Types	Types of Costs	Operation and Maintenance Cost/RMB	Fuel Cost/RMB	Depreciation Cost/RMB	Grid Interaction Cost/RMB	Environmental Cost/RMB
SCMPSO	detailed data	3542.64	2865.43	712.86	−642.80	95.17
CPSO	detailed data	3615.72	2931.54	722.65	−554.18	100.59
QPSO	detailed data	3684.42	2955.17	740.43	−541.75	103.05
PSO	detailed data	3773.59	3170.43	757.29	−500.48	108.72

shows the daily economic costs of the system optimized by the SCMPSO, CPSO, QPSO, and PSO algorithms.

Table 6 presents the economic costs of the system under optimization by four different algorithms. As shown in the figure, the SCMPSO algorithm demonstrates significant advantages in terms of system operating costs, fuel costs, and environmental management costs. With the current global emphasis on environmental protection and carbon emission reduction, the SCMPSO algorithm stands out with the lowest environmental management costs and the lowest pollutant emissions, aligning well with these global objectives.

Table 7. Pollutant emissions and treatment costs under four optimization algorithms.

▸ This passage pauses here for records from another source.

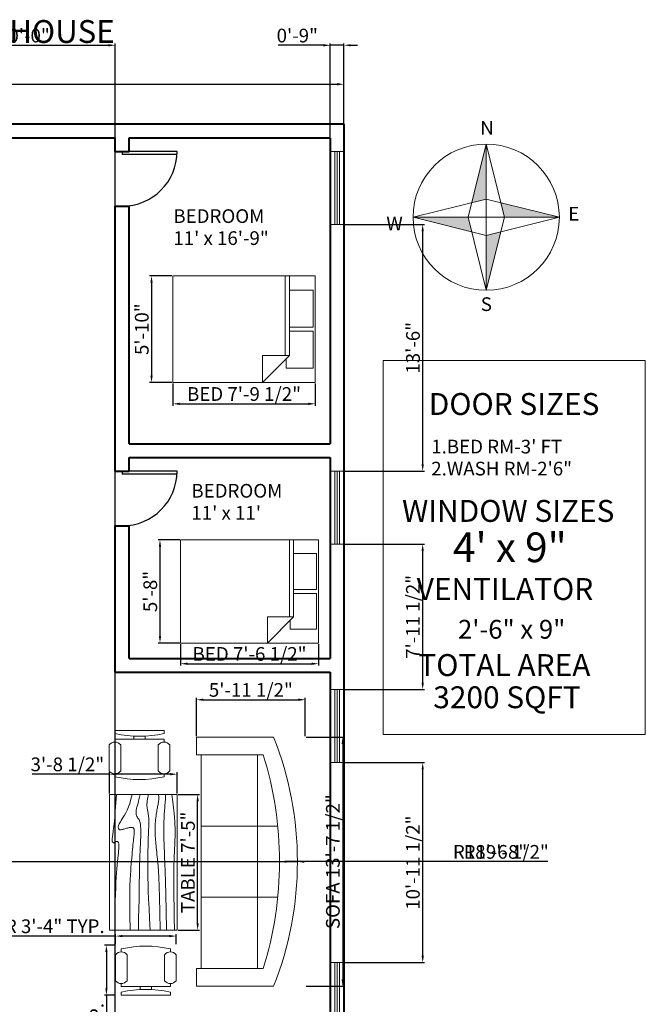
# Model space of a CAD drawing. Units: inches. Extents: x 2383 to 6214, y 970 to 3250.
# Tile 4 of 4: x 2721 to 3132, y 1500 to 2147. Entities that reach past the tile are written whole.
import ezdxf

# ---------------------------------------------------------------- set-up
doc = ezdxf.new("R2010")
doc.units = ezdxf.units.IN
for name, color, linetype, lineweight in [('A-ANNO-DIMS', 2, 'Continuous', 18), ('A-ANNO-LEGN', 7, 'Continuous', 18), ('A-ANNO-PATT', 7, 'Continuous', 13), ('A-ANNO-SYMB', 7, 'Continuous', 18), ('A-ANNO-TEXT', 7, 'Continuous', 18), ('A-AREA-IDEN', 7, 'Continuous', 18), ('A-DOOR', 4, 'Continuous', 25), ('A-FURN', 8, 'Continuous', 18), ('A-GLAZ', 4, 'Continuous', 18), ('A-WALL', 7, 'Continuous', 40)]:
    doc.layers.add(name, color=color, linetype=linetype, lineweight=lineweight)
doc.styles.get("Standard").update_dxf_attribs({"font": 'arial.ttf'})
doc.dimstyles.new('ISO-25', dxfattribs={"dimtxt": 9, "dimasz": 4.5, "dimexe": 1.25, "dimexo": 0.625, "dimtad": 1, "dimdec": 0, "dimlunit": 3, "dimtxsty": 'Standard', "dimcen": 2.5, "dimadec": 0, "dimazin": 0, "dimtfac": 1, "dimtdec": 0, "dimtmove": 0, "dimatfit": 3, "dimfxl": 1, "dimarcsym": 0})

# ---------------------------------------------------------------- blocks, each defined once
blk = doc.blocks.new('Sofa - Roundback 7 ft.')
for p, q in [((-12.00002, -32.4421), (-12.00003, -6.5971)), ((11.99997, -32.4421), (11.99998, -6.5971)), ((-36.000027, -34), (-36.000027, -11.4696)), ((35.99998, -34), (35.99998, -11.4696)), ((-35.999844, -13.3819), (35.9998, -13.3819)), ((-36.000027, -32.4421), (35.99998, -32.4421))]:
    blk.add_line(p, q)
for points in [[(-36.000027, -34), (-42.000027, -34), (-42.000027, -8)], [(41.99998, -8), (41.99998, -34), (35.99998, -34)]]:
    blk.add_lwpolyline(points)
for centre, radius, start, end in [((0, -114.25), 114.25, 68.43141, 111.5686), ((-0.00001, -127.1968), 121.1968, 72.72033, 107.2797)]:
    blk.add_arc(centre, radius, start, end)
blk = doc.blocks.new('Table - Rectangular Woodgrain 60 x 30 in.')
for p, q in [((0, 0), (0, -30)), ((60, 0), (0, 0)), ((60, -30), (60, 0)), ((0, -30), (60, -30))]:
    blk.add_line(p, q)
for points in [[(0, -2.4), (4.8155, -2.418), (9.0302, -2.4688), (12.709, -2.5477), (15.9167, -2.65), (18.7181, -2.7711), (21.1781, -2.9063), (23.3616, -3.0508), (25.3333, -3.2), (27.1477, -3.3495), (28.8172, -3.4958), (30.3437, -3.636), (31.7291, -3.7667), (32.9756, -3.8849), (34.0849, -3.9875), (35.059, -4.0714), (35.9, -4.1334), (36.6114, -4.1711), (37.2041, -4.1854), (37.6906, -4.1779), (38.0833, -4.15), (38.3948, -4.1034), (38.6375, -4.0396), (38.8239, -3.9602), (38.9666, -3.8667), (39.0764, -3.7608), (39.1573, -3.6448), (39.2116, -3.521), (39.2416, -3.3917), (39.2498, -3.2593), (39.2385, -3.1261), (39.21, -2.9944), (39.1666, -2.8667), (39.111, -2.7447), (39.0468, -2.6281), (38.978, -2.5163), (38.9083, -2.4083), (38.8418, -2.3035), (38.7823, -2.201), (38.7337, -2.1001), (38.7, -2), (38.6844, -1.9003), (38.6875, -1.8021), (38.7094, -1.707), (38.75, -1.6167), (38.8094, -1.5326), (38.8875, -1.4563), (38.9844, -1.3893), (39.1, -1.3333), (39.2351, -1.2896), (39.3937, -1.2583), (39.5804, -1.2396), (39.8, -1.2333), (40.057, -1.2396), (40.3562, -1.2583), (40.7023, -1.2896), (41.1, -1.3333), (41.5547, -1.3895), (42.0755, -1.4573), (42.6721, -1.5361), (43.3542, -1.625), (44.1316, -1.7233), (45.014, -1.8302), (46.0114, -1.9449), (47.1333, -2.0667), (48.3862, -2.1947), (49.7625, -2.3281), (51.2513, -2.4663), (52.8416, -2.6083), (54.5226, -2.7535), (56.2833, -2.9011), (58.1127, -3.0501), (60, -3.2)], [(0, -9.2), (6.5759, -9.0858), (11.9385, -9.0365), (16.2527, -9.0418), (19.6833, -9.0917), (22.3952, -9.1759), (24.5531, -9.2844), (26.322, -9.4069), (27.8666, -9.5333), (29.3241, -9.6553), (30.7203, -9.7719), (32.0532, -9.8837), (33.3208, -9.9917), (34.5213, -10.0965), (35.6526, -10.199), (36.7128, -10.2999), (37.7, -10.4), (38.6129, -10.4996), (39.4531, -10.5969), (40.223, -10.6895), (40.925, -10.775), (41.5613, -10.8512), (42.1344, -10.9156), (42.6465, -10.966), (43.1, -11), (43.4976, -11.0158), (43.8437, -11.0136), (44.143, -10.9942), (44.4, -10.9583), (44.6195, -10.9069), (44.8062, -10.8406), (44.9648, -10.7603), (45.1, -10.6667), (45.2155, -10.5598), (45.3114, -10.4365), (45.3871, -10.2929), (45.4416, -10.125), (45.4743, -9.929), (45.4844, -9.7011), (45.4709, -9.4371), (45.4333, -9.1333), (45.3716, -8.7883), (45.2896, -8.4104), (45.1919, -8.0107), (45.0833, -7.6), (44.9685, -7.1893), (44.8521, -6.7896), (44.7388, -6.4117), (44.6333, -6.0667), (44.54, -5.7628), (44.4614, -5.4979), (44.4001, -5.2675), (44.3583, -5.0667), (44.3384, -4.8909), (44.3427, -4.7354), (44.3736, -4.5956), (44.4333, -4.4667), (44.5236, -4.3453), (44.6427, -4.2333), (44.7884, -4.1339), (44.9583, -4.05), (45.1501, -3.9849), (45.3614, -3.9417), (45.59, -3.9234), (45.8333, -3.9333), (46.0915, -3.9749), (46.3734, -4.0531), (46.6906, -4.1736), (47.0542, -4.3417), (47.4756, -4.5629), (47.9661, -4.8427), (48.5372, -5.1866), (49.2, -5.6), (49.9676, -6.0844), (50.8594, -6.625), (51.8965, -7.2031), (53.1, -7.8), (54.491, -8.3969), (56.0906, -8.975), (57.9199, -9.5156), (60, -10)], [(0, -12.8), (5.1847, -12.9322), (9.6213, -13.0323), (13.3963, -13.1059), (16.5958, -13.1583), (19.3063, -13.1952), (21.614, -13.2219), (23.6054, -13.2439), (25.3666, -13.2667), (26.9728, -13.2947), (28.4531, -13.3281), (29.8256, -13.3663), (31.1083, -13.4083), (32.3191, -13.4535), (33.476, -13.501), (34.597, -13.5501), (35.7, -13.6), (36.7984, -13.6497), (37.8875, -13.6979), (38.9578, -13.743), (40, -13.7833), (41.0047, -13.8174), (41.9625, -13.8438), (42.864, -13.8607), (43.7, -13.8667), (44.4631, -13.8604), (45.1552, -13.8417), (45.7801, -13.8104), (46.3416, -13.7667), (46.8439, -13.7104), (47.2906, -13.6417), (47.6858, -13.5604), (48.0333, -13.4667), (48.3375, -13.3608), (48.6042, -13.2448), (48.8396, -13.121), (49.05, -12.9917), (49.2417, -12.8593), (49.4208, -12.7261), (49.5937, -12.5944), (49.7667, -12.4667), (49.9452, -12.3451), (50.1323, -12.2313), (50.3303, -12.1268), (50.5416, -12.0333), (50.7686, -11.9524), (51.0135, -11.8854), (51.2788, -11.8341), (51.5666, -11.8), (51.8785, -11.7843), (52.2116, -11.7865), (52.562, -11.8059), (52.926, -11.8417), (53.2998, -11.8931), (53.6795, -11.9594), (54.0614, -12.0397), (54.4416, -12.1333), (54.8223, -12.2401), (55.2293, -12.3625), (55.6942, -12.5037), (56.2489, -12.6667), (56.9251, -12.8547), (57.7545, -13.0708), (58.7689, -13.3182), (60, -13.6)], [(0, -18), (5.124, -17.7273), (9.6609, -17.5057), (13.6705, -17.3303), (17.2125, -17.1958), (20.3467, -17.0973), (23.1328, -17.0297), (25.6307, -16.9878), (27.9, -16.9667), (29.9928, -16.9617), (31.9302, -16.9703), (33.7254, -16.9907), (35.3917, -17.0208), (36.9423, -17.0588), (38.3906, -17.1026), (39.7499, -17.1503), (41.0333, -17.2), (42.2519, -17.2496), (43.4073, -17.2969), (44.4986, -17.3395), (45.525, -17.375), (46.4858, -17.4012), (47.3802, -17.4156), (48.2074, -17.416), (48.9667, -17.4), (49.6583, -17.3662), (50.2872, -17.3167), (50.8595, -17.2547), (51.3812, -17.1833), (51.8584, -17.1057), (52.2971, -17.025), (52.7034, -16.9443), (53.0833, -16.8667), (53.443, -16.7951), (53.789, -16.7313), (54.128, -16.6768), (54.4666, -16.6334), (54.8115, -16.6024), (55.1693, -16.5854), (55.5465, -16.5841), (55.95, -16.6), (56.3828, -16.6337), (56.8346, -16.6823), (57.2915, -16.7418), (57.7396, -16.8084), (58.165, -16.878), (58.5539, -16.9469), (58.8924, -17.0111), (59.1666, -17.0667), (59.3679, -17.1107), (59.5078, -17.1438), (59.6032, -17.1675), (59.6708, -17.1833), (59.7275, -17.193), (59.7901, -17.1979), (59.8753, -17.1998), (60, -17.2)], [(0, -22.4), (8.0098, -22.2501), (14.4094, -22.1011), (19.4168, -21.9535), (23.25, -21.8083), (26.1269, -21.6663), (28.2656, -21.5281), (29.884, -21.3947), (31.2, -21.2667), (32.3967, -21.1448), (33.5172, -21.0292), (34.5697, -20.9198), (35.5625, -20.8167), (36.5037, -20.7198), (37.4015, -20.6292), (38.2642, -20.5448), (39.1, -20.4667), (39.9164, -20.3951), (40.7187, -20.3313), (41.5117, -20.2768), (42.3, -20.2333), (43.0883, -20.2024), (43.8812, -20.1854), (44.6836, -20.1841), (45.5, -20.2), (46.3328, -20.234), (47.1747, -20.2844), (48.0163, -20.3488), (48.8479, -20.425), (49.66, -20.5106), (50.4429, -20.6031), (51.1872, -20.7004), (51.8833, -20.8), (52.5246, -20.8999), (53.1166, -20.9995), (53.6681, -21.0983), (54.1875, -21.1958), (54.6834, -21.2919), (55.1646, -21.3859), (55.6394, -21.4777), (56.1167, -21.5667), (56.6028, -21.6515), (57.0961, -21.7266), (57.5929, -21.7852), (58.0896, -21.8208), (58.5823, -21.8268), (59.0674, -21.7964), (59.5412, -21.723), (60, -21.6)], [(0, -25.2), (8.6355, -25.0504), (15.7026, -24.9031), (21.4049, -24.7606), (25.9458, -24.625), (29.529, -24.4988), (32.3578, -24.3844), (34.6359, -24.284), (36.5667, -24.2), (38.3213, -24.1341), (39.9417, -24.0854), (41.437, -24.0523), (42.8167, -24.0333), (44.0901, -24.0268), (45.2667, -24.0313), (46.3557, -24.0451), (47.3667, -24.0667), (48.309, -24.0947), (49.1928, -24.1287), (50.0284, -24.168), (50.826, -24.2125), (51.5959, -24.2617), (52.3483, -24.3151), (53.0935, -24.3725), (53.8417, -24.4334), (54.6009, -24.497), (55.3699, -24.561), (56.1454, -24.6226), (56.9239, -24.6792), (57.7021, -24.7279), (58.4764, -24.7662), (59.2435, -24.7911), (60, -24.8)], [(0, -28.8), (5.6867, -28.6681), (10.45, -28.5698), (14.407, -28.5012), (17.675, -28.4584), (20.3711, -28.4374), (22.6125, -28.4344), (24.5164, -28.4455), (26.2, -28.4667), (27.762, -28.4947), (29.2276, -28.5281), (30.6033, -28.5663), (31.8958, -28.6084), (33.1118, -28.6535), (34.2578, -28.7011), (35.3405, -28.7501), (36.3666, -28.8), (37.3443, -28.8497), (38.288, -28.8974), (39.2137, -28.9412), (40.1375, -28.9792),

Types	CO2 Emissions (KG)	CO2 Treatment Cost/RMB	SO2 Emissions (KG)	SO2 Treatment Cost/RMB	NOX Emissions (KG)	NOX Treatment Cost/RMB	Environmental Cost/RMB
SCMPSO	224.765	44.953	0.17	2.465	0.752	47.752	95.17
CPSO	247.675	49.535	0.184	2.668	0.762	48.387	100.59
QPSO	256.0925	51.2185	0.185	2.6825	0.774	49.149	103.05
PSO	278.075	55.615	0.194	2.813	0.792	50.292	108.72

presents the pollutant emissions and their treatment costs under four different optimization algorithms. It is clear from the table that, after optimization by the SCMPSO algorithm, both the microgrid and main grid systems exhibit significantly lower pollutant emissions, thereby minimizing environmental pressure. Furthermore, the SCMPSO algorithm not only reduces pollutant emissions but also effectively controls treatment costs, achieving a better balance between economic benefits and environmental protection. These optimization results highlight the potential of the SCMPSO algorithm in promoting sustainable development.

6. Conclusions

Based on the operating characteristics of various distributed energy sources in the microgrid system, this study established an optimization model and, with the goal of ensuring a stable system operation, used SCMPSO for simulation and optimization. The following conclusions were drawn:

• Typical Summer Dispatch Plan: In a subtropical monsoon climate, such as in a certain region of Jiangsu, China, summer is characterized by heat and abundant sunlight. Based on the scheduling strategy and comprehensive cost considerations, the specific dispatch plan is as follows: distributed photovoltaic (PV) and wind-power generation should be fully utilized as much as possible. On this basis, to ensure a stable system operation, small thermal generators must bear the main power output. Additionally, energy storage devices play a key role in peak shaving and valley filling, as well as improving power quality. This dispatch plan not only guarantees system stability but also increases the utilization of clean energy, reduces environmental pollution, and enhances overall economic efficiency.
• SCMPSO: Compared to the traditional PSO algorithm, the SCMPSO algorithm accelerates the search speed and broadens the search range in the early stages of optimization, while effectively avoiding local optima in the later stages. The reliability and superiority of the SCMPSO algorithm were confirmed through validation with multiple benchmark functions.